長年の現場の悩みを 大阪市長の橋下氏が「小・中学校でも落第を」と問題提起してくれました。
この問題を考える時、大切な視点は 学力不十分で義務教育を終えてしまうと 再チャレンジの機会を失うことです。
人間って不思議で「学びたい」「知りたい」という気持ちと 学齢の学年が一致しない時が多いのです。
テストで低空飛行で進級しても 友達関係や恋、ある問題が解けたことで 飛躍的に学力向上をすることも多いのです。
現場では「楽しい授業」「出来るわかる授業」などの工夫で 全員に「学齢の学力」をつけようと努力するのですが、成育歴や学習習慣などで困難な子がいるのは事実です。
中学校に進んでから 小学校に来校して「先生 算数をもう一度教えて」などといえる子は わかった・できると瞳を輝かす瞬間があるのです。
ある子は、中学から調理専門学校にいき 初めての賃金で 「先生がお世話になっています」と大量の饅頭の差し入れが 在任校にされた時など 教員としての喜びを感じた瞬間でした。
教員として 気にかかる、苦労した子が 成長をしている姿ほど 仕事を超えた生きがい、やりがいを持てるのです。
反面、基礎学力不足から 万引きなどの犯罪や荒れる高校生、数学が苦手な理工科生などの問題も生じるのです。
じゃーどうするで 「学齢か学力か」で現場は悩むのです。大器晩成などとおおらかに子供の成長を見つめられた時代では、学齢で不十分な子供でも きっかけさえあれば 好きになれれば 学力は取り返すことができるということがありました。
問題は、学力でなく学齢で卒業証書を得たために 再チャレンジを決意して「夜間中学」に入学したい、小学校に科目で籍を置きたいとおもっても 学齢以外の門戸は閉ざされてしまうのです。
この点の学齢主義での「学校」の閉鎖性を 打破して行く必要は感じます。
では「学力で落第」は 子供の成長のサイクルで どの時点で 劣等感を最小にして実施できるかの研究が大切です。
卒業認定時に置くのか、低中高学年のサイクルでするのか 毎年か・・・・・、で せっかく「子供たちに学力を身につけさせたい」という善意が へたすると「学力不足=人間失格」の自己の劣等感、他人の差別感につながりかねない恐れもあるのです。

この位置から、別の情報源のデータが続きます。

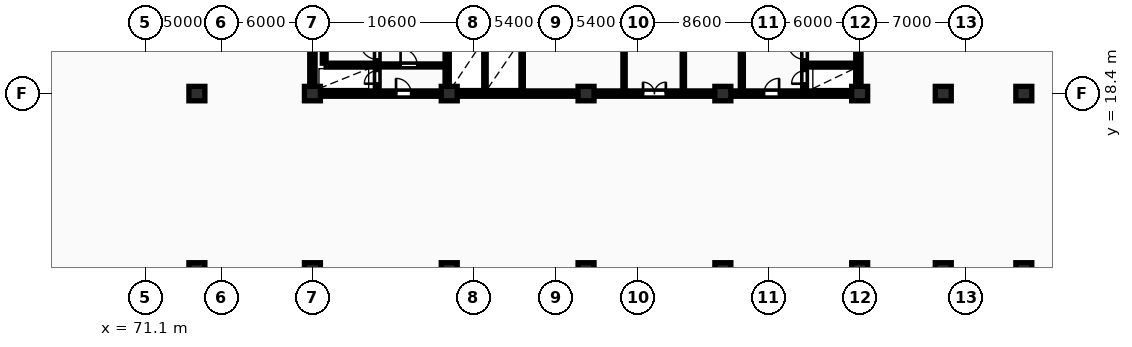
"""IFC4 building model, lengths in metres.
Left out: names, types, materials, properties, quantities, classifications, styles, units other than length and angle.
Written with IfcOpenShell. Run it as: python <this file> out.ifc"""

import sys

from ifc_helpers import new_model, si_unit, direction, frame, frame_2d, origin, origin_2d, place, context, subcontext, project, spatial, rectangle, extrude, element, fill, save


model = new_model("IFC4")
c1 = context("Model", 3, precision=1e-05, world=origin(), true_north=direction((0.0, 1.0)))
c2 = subcontext(c1, "Body", "Model", "MODEL_VIEW")
j1 = project(units=[si_unit("LENGTHUNIT", "METRE"), si_unit("PLANEANGLEUNIT", "RADIAN")], contexts=[c1])
p1 = place(None, origin())
s1 = spatial("IfcSite", under=j1, at=p1, CompositionType="ELEMENT")
p2 = place(p1, origin())
s2 = spatial("IfcBuilding", under=s1, at=p2, CompositionType="ELEMENT")
p3 = place(p2, frame((0.0, 0.0, -3.6)))
s3 = spatial("IfcBuildingStorey", under=s2, at=p3, CompositionType="ELEMENT", Elevation=-3.6)
for number, where, z_axis, x_axis in (
    (1, (74.5, 6.8, 0.0), (0.0, 0.0, 1.0), (1.0, 0.0, 0.0)),
    (2, (74.5, 18.4, 0.0), (0.0, 0.0, 1.0), (1.0, 0.0, 0.0)),
    (3, (82.1, 6.8, 0.0), (0.0, 0.0, 1.0), (1.0, 0.0, 0.0)),
    (4, (82.1, 18.4, 0.0), (0.0, 0.0, 1.0), (1.0, 0.0, 0.0)),
    (5, (91.1, 6.8, 0.0), (0.0, 0.0, 1.0), (1.0, 0.0, 0.0)),
    (6, (91.1, 18.4, 0.0), (0.0, 0.0, 1.0), (1.0, 0.0, 0.0)),
    (7, (100.1, 6.8, 0.0), (0.0, 0.0, 1.0), (1.0, 0.0, 0.0)),
    (8, (100.1, 18.4, 0.0), (0.0, 0.0, 1.0), (1.0, 0.0, 0.0)),
    (9, (109.1, 6.8, 0.0), (0.0, 0.0, 1.0), (1.0, 0.0, 0.0)),
    (10, (109.1, 18.4, 0.0), (0.0, 0.0, 1.0), (1.0, 0.0, 0.0)),
    (11, (118.1, 6.8, 0.0), (0.0, 0.0, 1.0), (1.0, 0.0, 0.0)),
    (12, (118.1, 18.4, 0.0), (0.0, 0.0, 1.0), (1.0, 0.0, 0.0)),
    (13, (123.6, 6.8, 0.0), (0.0, 0.0, 1.0), (1.0, 0.0, 0.0)),
    (14, (123.6, 18.4, 0.0), (0.0, 0.0, 1.0), (1.0, 0.0, 0.0)),
    (15, (128.9, 6.8, 0.0), (0.0, 0.0, 1.0), (1.0, 0.0, 0.0)),
    (16, (128.9, 18.4, 0.0), (0.0, 0.0, 1.0), (1.0, 0.0, 0.0)),
):
    element("IfcColumn", number, at=place(p3, frame(where, z_axis=z_axis, x_axis=x_axis)), inside=s3, PredefinedType="COLUMN", context=c2, shape_type="SweptSolid", body=[
        extrude(rectangle(XDim=1.05, YDim=0.95, at=origin_2d()), origin(), (0.0, 0.0, 1.0), 3.6),
    ])
for number, where, z_axis, x_axis in (
    (17, (82.1, 18.575, 0.0), (0.0, 0.0, 1.0), (0.0, 1.0, 0.0)),
    (18, (118.015, 18.575, 0.0), (0.0, 0.0, 1.0), (0.0, 1.0, 0.0)),
):
    element("IfcWall", number, at=place(p3, frame(where, z_axis=z_axis, x_axis=x_axis)), inside=s3, PredefinedType="SHEAR", context=c2, shape_type="SweptSolid", body=[
        extrude(rectangle(XDim=11.65, YDim=0.35, at=frame_2d((5.825, 0.0))), origin(), (0.0, 0.0, 1.0), 3.6),
    ])
p4 = place(p3, frame((81.925, 18.4, 0.0), z_axis=(0.0, 0.0, 1.0), x_axis=(1.0, 0.0, 0.0)))
e19 = element("IfcWall", 19, at=p4, inside=s3, PredefinedType="SHEAR", context=c2, shape_type="SweptSolid", body=[
    extrude(rectangle(XDim=36.265, YDim=0.35, at=frame_2d((18.132, 0.0))), origin(), (0.0, 0.0, 1.0), 3.6),
])
p5 = place(p4, frame((5.675, 0.0, 0.0)))
e20 = element("IfcOpeningElement", 20, at=p5, cuts=e19, PredefinedType="OPENING", context=c2, shape_type="SweptSolid", body=[
    extrude(rectangle(XDim=1.0, YDim=2.15, at=frame_2d((0.5, 1.075))), frame((0.0, 0.185, 0.0), z_axis=(0.0, -1.0, 0.0), x_axis=(1.0, 0.0, 0.0)), (0.0, 0.0, 1.0), 0.37),
])
p6 = place(p4, frame((21.925, 0.0, 0.0)))
e21 = element("IfcOpeningElement", 21, at=p6, cuts=e19, PredefinedType="OPENING", context=c2, shape_type="SweptSolid", body=[
    extrude(rectangle(XDim=1.5, YDim=2.2, at=frame_2d((0.75, 1.1))), frame((0.0, 0.185, 0.0), z_axis=(0.0, -1.0, 0.0), x_axis=(1.0, 0.0, 0.0)), (0.0, 0.0, 1.0), 0.37),
])
p7 = place(p4, frame((29.875, 0.0, 0.0)))
e22 = element("IfcOpeningElement", 22, at=p7, cuts=e19, PredefinedType="OPENING", context=c2, shape_type="SweptSolid", body=[
    extrude(rectangle(XDim=1.0, YDim=2.15, at=frame_2d((0.5, 1.075))), frame((0.0, 0.185, 0.0), z_axis=(0.0, -1.0, 0.0), x_axis=(1.0, 0.0, 0.0)), (0.0, 0.0, 1.0), 0.37),
])
p8 = place(p3, frame((82.875, 20.4, 0.0), z_axis=(0.0, 0.0, 1.0), x_axis=(0.0, 1.0, 0.0)))
e23 = element("IfcWall", 23, at=p8, inside=s3, PredefinedType="SHEAR", context=c2, shape_type="SweptSolid", body=[
    extrude(rectangle(XDim=7.6, YDim=0.25, at=frame_2d((3.8, 0.0))), origin(), (0.0, 0.0, 1.0), 3.6),
])
p9 = place(p3, frame((86.365, 18.6, 0.0), z_axis=(0.0, 0.0, 1.0), x_axis=(0.0, 1.0, 0.0)))
e24 = element("IfcWall", 24, at=p9, inside=s3, PredefinedType="SHEAR", context=c2, shape_type="SweptSolid", body=[
    extrude(rectangle(XDim=11.6, YDim=0.25, at=frame_2d((5.8, 0.0))), origin(), (0.0, 0.0, 1.0), 3.6),
])
p10 = place(p9, frame((0.45, 0.0, 0.0)))
e25 = element("IfcOpeningElement", 25, at=p10, cuts=e24, PredefinedType="OPENING", context=c2, shape_type="SweptSolid", body=[
    extrude(rectangle(XDim=0.85, YDim=2.05, at=frame_2d((0.425, 1.025))), frame((0.0, 0.135, 0.0), z_axis=(0.0, -1.0, 0.0), x_axis=(1.0, 0.0, 0.0)), (0.0, 0.0, 1.0), 0.27),
])
p11 = place(p9, frame((2.05, 0.0, 0.0)))
e26 = element("IfcOpeningElement", 26, at=p11, cuts=e24, PredefinedType="OPENING", context=c2, shape_type="SweptSolid", body=[
    extrude(rectangle(XDim=1.1, YDim=2.1, at=frame_2d((0.55, 1.05))), frame((0.0, 0.135, 0.0), z_axis=(0.0, -1.0, 0.0), x_axis=(1.0, 0.0, 0.0)), (0.0, 0.0, 1.0), 0.27),
])
p12 = place(p9, frame((9.95, 0.0, 0.0)))
e27 = element("IfcOpeningElement", 27, at=p12, cuts=e24, PredefinedType="OPENING", context=c2, shape_type="SweptSolid", body=[
    extrude(rectangle(XDim=0.85, YDim=2.05, at=frame_2d((0.425, 1.025))), frame((0.0, 0.135, 0.0), z_axis=(0.0, -1.0, 0.0), x_axis=(1.0, 0.0, 0.0)), (0.0, 0.0, 1.0), 0.27),
])
p13 = place(p3, frame((83.0, 20.275, 0.0), z_axis=(0.0, 0.0, 1.0), x_axis=(1.0, 0.0, 0.0)))
e28 = element("IfcWall", 28, at=p13, inside=s3, PredefinedType="SHEAR", context=c2, shape_type="SweptSolid", body=[
    extrude(rectangle(XDim=3.24, YDim=0.25, at=frame_2d((1.62, 0.0))), origin(), (0.0, 0.0, 1.0), 3.6),
])
p14 = place(p3, frame((86.5, 20.25, 0.0), z_axis=(0.0, 0.0, 1.0), x_axis=(1.0, 0.0, 0.0)))
e29 = element("IfcWall", 29, at=p14, inside=s3, PredefinedType="PARTITIONING", context=c2, shape_type="SweptSolid", body=[
    extrude(rectangle(XDim=4.32, YDim=0.2, at=frame_2d((2.16, 0.0))), origin(), (0.0, 0.0, 1.0), 3.3),
])
p15 = place(p14, frame((1.4, 0.0, 0.0)))
e30 = element("IfcOpeningElement", 30, at=p15, cuts=e29, PredefinedType="OPENING", context=c2, shape_type="SweptSolid", body=[
    extrude(rectangle(XDim=1.1, YDim=2.1, at=frame_2d((0.55, 1.05))), frame((0.0, 0.11, 0.0), z_axis=(0.0, -1.0, 0.0), x_axis=(1.0, 0.0, 0.0)), (0.0, 0.0, 1.0), 0.22),
])
p16 = place(p3, frame((90.95, 18.6, 0.0), z_axis=(0.0, 0.0, 1.0), x_axis=(0.0, 1.0, 0.0)))
e31 = element("IfcWall", 31, at=p16, inside=s3, PredefinedType="SHEAR", context=c2, shape_type="SweptSolid", body=[
    extrude(rectangle(XDim=11.6, YDim=0.25, at=frame_2d((5.8, 0.0))), origin(), (0.0, 0.0, 1.0), 3.6),
])
p17 = place(p16, frame((4.6, 0.0, 0.0)))
e32 = element("IfcOpeningElement", 32, at=p17, cuts=e31, PredefinedType="OPENING", context=c2, shape_type="SweptSolid", body=[
    extrude(rectangle(XDim=1.1, YDim=2.1, at=frame_2d((0.55, 1.05))), frame((0.0, 0.135, 0.0), z_axis=(0.0, -1.0, 0.0), x_axis=(1.0, 0.0, 0.0)), (0.0, 0.0, 1.0), 0.27),
])
for number, where, z_axis, x_axis in (
    (33, (93.45, 18.6, 0.0), (0.0, 0.0, 1.0), (0.0, 1.0, 0.0)),
    (34, (95.9, 18.6, 0.0), (0.0, 0.0, 1.0), (0.0, 1.0, 0.0)),
    (35, (102.6, 18.6, 0.0), (0.0, 0.0, 1.0), (0.0, 1.0, 0.0)),
    (36, (106.5, 18.6, 0.0), (0.0, 0.0, 1.0), (0.0, 1.0, 0.0)),
):
    element("IfcWall", number, at=place(p3, frame(where, z_axis=z_axis, x_axis=x_axis)), inside=s3, PredefinedType="PARTITIONING", context=c2, shape_type="SweptSolid", body=[
        extrude(rectangle(XDim=3.6, YDim=0.15, at=frame_2d((1.8, 0.0))), origin(), (0.0, 0.0, 1.0), 3.3),
    ])
p18 = place(p3, frame((110.35, 18.6, 0.0), z_axis=(0.0, 0.0, 1.0), x_axis=(0.0, 1.0, 0.0)))
e37 = element("IfcWall", 37, at=p18, inside=s3, PredefinedType="PARTITIONING", context=c2, shape_type="SweptSolid", body=[
    extrude(rectangle(XDim=11.6, YDim=0.2, at=frame_2d((5.8, 0.0))), origin(), (0.0, 0.0, 1.0), 3.3),
])
p19 = place(p18, frame((5.2, 0.0, 0.0)))
e38 = element("IfcOpeningElement", 38, at=p19, cuts=e37, PredefinedType="OPENING", context=c2, shape_type="SweptSolid", body=[
    extrude(rectangle(XDim=1.1, YDim=2.15, at=frame_2d((0.55, 1.075))), frame((0.0, 0.11, 0.0), z_axis=(0.0, -1.0, 0.0), x_axis=(1.0, 0.0, 0.0)), (0.0, 0.0, 1.0), 0.22),
])
p20 = place(p3, frame((114.475, 18.6, 0.0), z_axis=(0.0, 0.0, 1.0), x_axis=(0.0, 1.0, 0.0)))
e39 = element("IfcWall", 39, at=p20, inside=s3, PredefinedType="SHEAR", context=c2, shape_type="SweptSolid", body=[
    extrude(rectangle(XDim=11.6, YDim=0.25, at=frame_2d((5.8, 0.0))), origin(), (0.0, 0.0, 1.0), 3.6),
])
p21 = place(p20, frame((0.45, 0.0, 0.0)))
e40 = element("IfcOpeningElement", 40, at=p21, cuts=e39, PredefinedType="OPENING", context=c2, shape_type="SweptSolid", body=[
    extrude(rectangle(XDim=0.85, YDim=2.05, at=frame_2d((0.425, 1.025))), frame((0.0, 0.135, 0.0), z_axis=(0.0, -1.0, 0.0), x_axis=(1.0, 0.0, 0.0)), (0.0, 0.0, 1.0), 0.27),
])
p22 = place(p20, frame((2.05, 0.0, 0.0)))
e41 = element("IfcOpeningElement", 41, at=p22, cuts=e39, PredefinedType="OPENING", context=c2, shape_type="SweptSolid", body=[
    extrude(rectangle(XDim=1.1, YDim=2.1, at=frame_2d((0.55, 1.05))), frame((0.0, 0.135, 0.0), z_axis=(0.0, -1.0, 0.0), x_axis=(1.0, 0.0, 0.0)), (0.0, 0.0, 1.0), 0.27),
])
p23 = place(p20, frame((9.95, 0.0, 0.0)))
e42 = element("IfcOpeningElement", 42, at=p23, cuts=e39, PredefinedType="OPENING", context=c2, shape_type="SweptSolid", body=[
    extrude(rectangle(XDim=0.85, YDim=2.05, at=frame_2d((0.425, 1.025))), frame((0.0, 0.135, 0.0), z_axis=(0.0, -1.0, 0.0), x_axis=(1.0, 0.0, 0.0)), (0.0, 0.0, 1.0), 0.27),
])
p24 = place(p3, frame((114.6, 20.275, 0.0), z_axis=(0.0, 0.0, 1.0), x_axis=(1.0, 0.0, 0.0)))
e43 = element("IfcWall", 43, at=p24, inside=s3, PredefinedType="SHEAR", context=c2, shape_type="SweptSolid", body=[
    extrude(rectangle(XDim=3.24, YDim=0.25, at=frame_2d((1.62, 0.0))), origin(), (0.0, 0.0, 1.0), 3.6),
])
p25 = place(p5, origin())
e44 = element("IfcDoor", 44, at=p25, inside=s3, OperationType="SINGLE_SWING_LEFT", PredefinedType="DOOR", context=c2, shape_type="SweptSolid", body=[
    extrude(rectangle(XDim=1.0, YDim=2.15, at=frame_2d((0.5, 1.075))), frame((0.0, 0.025, 0.0), z_axis=(0.0, -1.0, 0.0), x_axis=(1.0, 0.0, 0.0)), (0.0, 0.0, 1.0), 0.05),
])
fill(e20, e44)
p26 = place(p6, origin())
e45 = element("IfcDoor", 45, at=p26, inside=s3, OperationType="DOUBLE_DOOR_SINGLE_SWING", PredefinedType="DOOR", context=c2, shape_type="SweptSolid", body=[
    extrude(rectangle(XDim=1.5, YDim=2.2, at=frame_2d((0.75, 1.1))), frame((0.0, 0.025, 0.0), z_axis=(0.0, -1.0, 0.0), x_axis=(1.0, 0.0, 0.0)), (0.0, 0.0, 1.0), 0.05),
])
fill(e21, e45)
p27 = place(p7, origin())
e46 = element("IfcDoor", 46, at=p27, inside=s3, OperationType="SINGLE_SWING_RIGHT", PredefinedType="DOOR", context=c2, shape_type="SweptSolid", body=[
    extrude(rectangle(XDim=1.0, YDim=2.15, at=frame_2d((0.5, 1.075))), frame((0.0, 0.025, 0.0), z_axis=(0.0, -1.0, 0.0), x_axis=(1.0, 0.0, 0.0)), (0.0, 0.0, 1.0), 0.05),
])
fill(e22, e46)
p28 = place(p10, origin())
e47 = element("IfcDoor", 47, at=p28, inside=s3, OperationType="SINGLE_SWING_LEFT", PredefinedType="DOOR", context=c2, shape_type="SweptSolid", body=[
    extrude(rectangle(XDim=0.85, YDim=2.05, at=frame_2d((0.425, 1.025))), frame((0.0, 0.025, 0.0), z_axis=(0.0, -1.0, 0.0), x_axis=(1.0, 0.0, 0.0)), (0.0, 0.0, 1.0), 0.05),
])
fill(e25, e47)
p29 = place(p11, origin())
e48 = element("IfcDoor", 48, at=p29, inside=s3, OperationType="SINGLE_SWING_RIGHT", PredefinedType="DOOR", context=c2, shape_type="SweptSolid", body=[
    extrude(rectangle(XDim=1.1, YDim=2.1, at=frame_2d((0.55, 1.05))), frame((0.0, 0.025, 0.0), z_axis=(0.0, -1.0, 0.0), x_axis=(1.0, 0.0, 0.0)), (0.0, 0.0, 1.0), 0.05),
])
fill(e26, e48)
p30 = place(p15, origin())
e49 = element("IfcDoor", 49, at=p30, inside=s3, OperationType="SINGLE_SWING_LEFT", PredefinedType="DOOR", context=c2, shape_type="SweptSolid", body=[
    extrude(rectangle(XDim=1.1, YDim=2.1, at=frame_2d((0.55, 1.05))), frame((0.0, 0.025, 0.0), z_axis=(0.0, -1.0, 0.0), x_axis=(1.0, 0.0, 0.0)), (0.0, 0.0, 1.0), 0.05),
])
fill(e30, e49)
p31 = place(p21, origin())
e50 = element("IfcDoor", 50, at=p31, inside=s3, OperationType="SINGLE_SWING_LEFT", PredefinedType="DOOR", context=c2, shape_type="SweptSolid", body=[
    extrude(rectangle(XDim=0.85, YDim=2.05, at=frame_2d((0.425, 1.025))), frame((0.0, 0.025, 0.0), z_axis=(0.0, -1.0, 0.0), x_axis=(1.0, 0.0, 0.0)), (0.0, 0.0, 1.0), 0.05),
])
fill(e40, e50)
p32 = place(p22, origin())
e51 = element("IfcDoor", 51, at=p32, inside=s3, OperationType="SINGLE_SWING_RIGHT", PredefinedType="DOOR", context=c2, shape_type="SweptSolid", body=[
    extrude(rectangle(XDim=1.1, YDim=2.1, at=frame_2d((0.55, 1.05))), frame((0.0, 0.025, 0.0), z_axis=(0.0, -1.0, 0.0), x_axis=(1.0, 0.0, 0.0)), (0.0, 0.0, 1.0), 0.05),
])
fill(e41, e51)
save(model, sys.argv[1])

ブラックジョークではありませんが、筆記式テストで学力が図れるのかという問題です。
よく考える子ほど 文章題が苦手ということもあるのです。
以前書いた 「時計の 何分前、何分後」とか 速度計算なども信号は渋滞は・・・などと思う子もいるのです。
「道のり、距離」などもそうです。
皆さんの学校時代にも 「あの子は 運動会で輝く」「文化祭で輝く」「読書量はすごい」「ベーゴマ博士」「恐竜博士」「ポケモン博士」「ガンダム博士」など 個々に輝く子がいたはずです。
劣等感をいだかせず その子の個性を伸ばした上 学力もつける、これをどのように保障していくかを 真剣に考えていきたいものです。